Names of those accused of a cover-up within the CQC were removed from the independent report, commissioned by the watchdog and carried out by management consultants Grant Thornton.

But Mr Hunt said that neither he nor the chair of the CQC had wanted the names to be redacted and may now ask the Information Commissioner to rule on the decision. “There should be no anonymity, no hiding place, no opportunity to get off scot free for anyone at all who was responsible for this.”

The CQC is understood to have received legal advice that naming names would be a breach of the Data Protection Act.

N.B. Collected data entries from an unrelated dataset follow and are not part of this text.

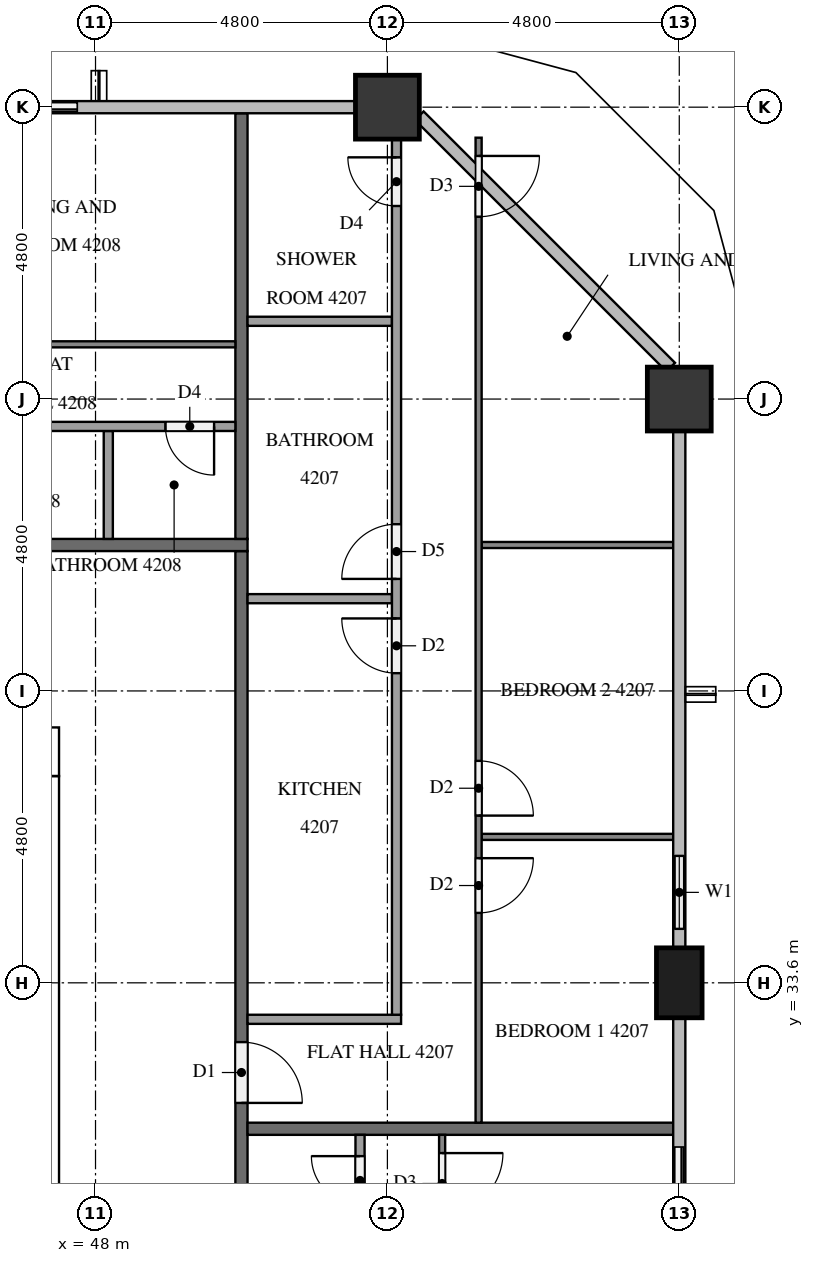
"""IFC4 building model, lengths in metres.
Left out: names, types, materials, properties, quantities, classifications, styles, units other than length and angle.
Written with IfcOpenShell. Run it as: python <this file> out.ifc"""

import sys

from ifc_helpers import new_model, si_unit, direction, frame, frame_2d, origin, origin_2d, place, context, subcontext, project, spatial, rectangle, extrude, element, fill, save


model = new_model("IFC4")
c1 = context("Model", 3, precision=1e-05, world=origin(), true_north=direction((0.0, 1.0)))
c2 = subcontext(c1, "Body", "Model", "MODEL_VIEW")
j1 = project(units=[si_unit("LENGTHUNIT", "METRE"), si_unit("PLANEANGLEUNIT", "RADIAN")], contexts=[c1])
p1 = place(None, origin())
s1 = spatial("IfcSite", under=j1, at=p1, CompositionType="ELEMENT")
p2 = place(p1, origin())
s2 = spatial("IfcBuilding", under=s1, at=p2, CompositionType="ELEMENT")
p3 = place(p2, frame((0.0, 0.0, 163.0)))
s3 = spatial("IfcBuildingStorey", under=s2, at=p3, CompositionType="ELEMENT", Elevation=163.0)
p4 = place(p3, frame((15.0, 37.4, 0.0), z_axis=(0.0, 0.0, 1.0), x_axis=(1.0, 0.0, 0.0)))
e1 = element("IfcWall", 1, at=p4, inside=s3, PredefinedType="SHEAR", context=c2, shape_type="SweptSolid", body=[
    extrude(rectangle(XDim=32.4, YDim=0.8, at=frame_2d((16.2, 0.0))), origin(), (0.0, 0.0, 1.0), 3.2),
])
p5 = place(p4, frame((15.3, 0.0, 0.0)))
e2 = element("IfcOpeningElement", 2, at=p5, cuts=e1, PredefinedType="OPENING", context=c2, shape_type="SweptSolid", body=[
    extrude(rectangle(XDim=1.8, YDim=2.1, at=frame_2d((0.9, 1.05))), frame((0.0, 0.41, 0.0), z_axis=(0.0, -1.0, 0.0), x_axis=(1.0, 0.0, 0.0)), (0.0, 0.0, 1.0), 0.82),
])
p6 = place(p4, frame((1.51, 0.0, 0.0)))
e3 = element("IfcOpeningElement", 3, at=p6, cuts=e1, PredefinedType="OPENING", context=c2, shape_type="SweptSolid", body=[
    extrude(rectangle(XDim=1.0, YDim=2.1, at=frame_2d((0.5, 1.05))), frame((0.0, 0.41, 0.0), z_axis=(0.0, -1.0, 0.0), x_axis=(1.0, 0.0, 0.0)), (0.0, 0.0, 1.0), 0.82),
])
p7 = place(p4, frame((5.11, 0.0, 0.0)))
e4 = element("IfcOpeningElement", 4, at=p7, cuts=e1, PredefinedType="OPENING", context=c2, shape_type="SweptSolid", body=[
    extrude(rectangle(XDim=1.0, YDim=2.1, at=frame_2d((0.5, 1.05))), frame((0.0, 0.41, 0.0), z_axis=(0.0, -1.0, 0.0), x_axis=(1.0, 0.0, 0.0)), (0.0, 0.0, 1.0), 0.82),
])
p8 = place(p3, frame((47.0, 15.8, 0.0), z_axis=(0.0, 0.0, 1.0), x_axis=(0.0, 1.0, 0.0)))
e5 = element("IfcWall", 5, at=p8, inside=s3, PredefinedType="SHEAR", context=c2, shape_type="SweptSolid", body=[
    extrude(rectangle(XDim=21.2, YDim=0.8, at=frame_2d((10.6, 0.0))), origin(), (0.0, 0.0, 1.0), 3.2),
])
p9 = place(p8, frame((10.3, 0.0, 0.0)))
e6 = element("IfcOpeningElement", 6, at=p9, cuts=e5, PredefinedType="OPENING", context=c2, shape_type="SweptSolid", body=[
    extrude(rectangle(XDim=1.2, YDim=2.1, at=frame_2d((0.6, 1.05))), frame((0.0, 0.41, 0.0), z_axis=(0.0, -1.0, 0.0), x_axis=(1.0, 0.0, 0.0)), (0.0, 0.0, 1.0), 0.82),
])
p10 = place(p3, frame((57.6, 33.6, 0.0), z_axis=(0.0, 0.0, 1.0), x_axis=(0.0, 1.0, 0.0)))
e7 = element("IfcColumn", 7, at=p10, inside=s3, PredefinedType="COLUMN", context=c2, shape_type="SweptSolid", body=[
    extrude(rectangle(XDim=1.15, YDim=0.75, at=origin_2d()), origin(), (0.0, 0.0, 1.0), 3.2),
])
for number, where, z_axis, x_axis in (
    (8, (57.6, 43.2, 0.0), (0.0, 0.0, 1.0), (1.0, 0.0, 0.0)),
    (9, (52.8, 48.0, 0.0), (0.0, 0.0, 1.0), (1.0, 0.0, 0.0)),
):
    element("IfcColumn", number, at=place(p3, frame(where, z_axis=z_axis, x_axis=x_axis)), inside=s3, PredefinedType="COLUMN", context=c2, shape_type="SweptSolid", body=[
        extrude(rectangle(XDim=1.05, YDim=1.05, at=origin_2d()), origin(), (0.0, 0.0, 1.0), 3.2),
    ])
p11 = place(p3, frame((57.6, 28.8, 0.0), z_axis=(0.0, 0.0, 1.0), x_axis=(0.0, 1.0, 0.0)))
e10 = element("IfcWall", 10, at=p11, inside=s3, PredefinedType="SOLIDWALL", context=c2, shape_type="SweptSolid", body=[
    extrude(rectangle(XDim=2.4, YDim=0.15, at=frame_2d((1.2, 0.0))), origin(), (0.0, 0.0, 1.0), 3.2),
])
p12 = place(p11, frame((0.3, 0.0, 0.0)))
e11 = element("IfcOpeningElement", 11, at=p12, cuts=e10, PredefinedType="OPENING", context=c2, shape_type="SweptSolid", body=[
    extrude(rectangle(XDim=1.8, YDim=2.4, at=frame_2d((0.9, 1.2))), frame((0.0, 0.085, 0.0), z_axis=(0.0, -1.0, 0.0), x_axis=(1.0, 0.0, 0.0)), (0.0, 0.0, 1.0), 0.17),
])
p13 = place(p3, frame((57.6, 34.175, 0.0), z_axis=(0.0, 0.0, 1.0), x_axis=(0.0, 1.0, 0.0)))
e12 = element("IfcWall", 12, at=p13, inside=s3, PredefinedType="SOLIDWALL", context=c2, shape_type="SweptSolid", body=[
    extrude(rectangle(XDim=1.825, YDim=0.15, at=frame_2d((0.913, 0.0))), origin(), (0.0, 0.0, 1.0), 3.2),
])
p14 = place(p13, frame((0.312, 0.0, 0.9)))
e13 = element("IfcOpeningElement", 13, at=p14, cuts=e12, PredefinedType="OPENING", context=c2, shape_type="SweptSolid", body=[
    extrude(rectangle(XDim=1.2, YDim=1.4, at=frame_2d((0.6, 0.7))), frame((0.0, 0.085, 0.0), z_axis=(0.0, -1.0, 0.0), x_axis=(1.0, 0.0, 0.0)), (0.0, 0.0, 1.0), 0.17),
])
p15 = place(p3, frame((48.0, 48.0, 0.0), z_axis=(0.0, 0.0, 1.0), x_axis=(-1.0, 0.0, 0.0)))
e14 = element("IfcWall", 14, at=p15, inside=s3, PredefinedType="SOLIDWALL", context=c2, shape_type="SweptSolid", body=[
    extrude(rectangle(XDim=2.4, YDim=0.15, at=frame_2d((1.2, 0.0))), origin(), (0.0, 0.0, 1.0), 3.2),
])
p16 = place(p15, frame((0.3, 0.0, 0.0)))
e15 = element("IfcOpeningElement", 15, at=p16, cuts=e14, PredefinedType="OPENING", context=c2, shape_type="SweptSolid", body=[
    extrude(rectangle(XDim=1.8, YDim=2.4, at=frame_2d((0.9, 1.2))), frame((0.0, 0.085, 0.0), z_axis=(0.0, -1.0, 0.0), x_axis=(1.0, 0.0, 0.0)), (0.0, 0.0, 1.0), 0.17),
])
p17 = place(p3, frame((50.4, 40.7, 0.0), z_axis=(0.0, 0.0, 1.0), x_axis=(0.0, -1.0, 0.0)))
e16 = element("IfcWall", 16, at=p17, inside=s3, PredefinedType="PARTITIONING", context=c2, shape_type="SweptSolid", body=[
    extrude(rectangle(XDim=28.6, YDim=0.2, at=frame_2d((14.3, 0.0))), origin(), (0.0, 0.0, 1.0), 3.2),
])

However, Ben Bradshaw, Labour MP for Exeter, said that the names should be released under the act’s public interest exemption rule. “There are clear and explicit exemptions to the act when it comes to ‘protecting members of the public from dishonesty, malpractice, incompetence or seriously improper conduct or in connection with health and safety’,” he said.

Mr Hunt has asked that the CQC look into the allegations of a cover-up and report back to him on exactly what advice the CQC were given that led them not to publish the names.

Mr Prior, who took charge of the CQC four months ago, told the BBC: “I have known for the last three months that we were not fit for purpose at all when it came to hospital inspections and that we had to fundamentally change the way we’re doing it.” He said that hospital inspections had previously been done by people with no medical expertise, including members of the fire service.

The CQC’s former chair, Dame Jo Williams, resigned in September and its chief executive, Cynthia Bower, left in February. Mr Prior said the former board had been “totally dysfunctional”.

The NHS’s chief medical officer, Sir Bruce Keogh, is currently investigating 14 hospitals that have seen persistently high mortality rates.

Prime Minister David Cameron’s spokesman insisted the Government had already taken “very clear, strong action” to reform the CQC.

“What occurred was... deeply disturbing and appalling,” the spokesman said.

Peter Walsh, chief executive of Action Against Medical Accidents, said that those responsible for the cover-up should not have been allowed to leave “with an unblemished record”.

Case study: ‘It embodies all that’s wrong with the NHS’

James Titcombe and his wife, Hoa, arrived at the Furness General Hospital at Morecambe Bay, Cumbria, on 27 October 2008. Their son, Joshua, was born that morning.

Nine days later, Mr Titcombe, a nuclear engineer from Barrow-in-Furness, watched his son die. Midwives and medical staff at Furness General failed to detect and monitor an infection, which became so serious that Joshua had to be transferred for intensive care at two different hospitals.

He died on 5 November. “We repeatedly asked why he didn’t need antibiotics and were reassured that he seemed fine and there was no reason to give them to him,” Mr Titcombe said.

He has led the campaign for a public inquiry into “serious systemic failures” at the University Hospitals of Morecambe Bay Trust which manages Furness General. Today he called reports of a cover-up at the Care Quality Commission “shocking”. “It embodies everything wrong with the culture in the NHS,” he said.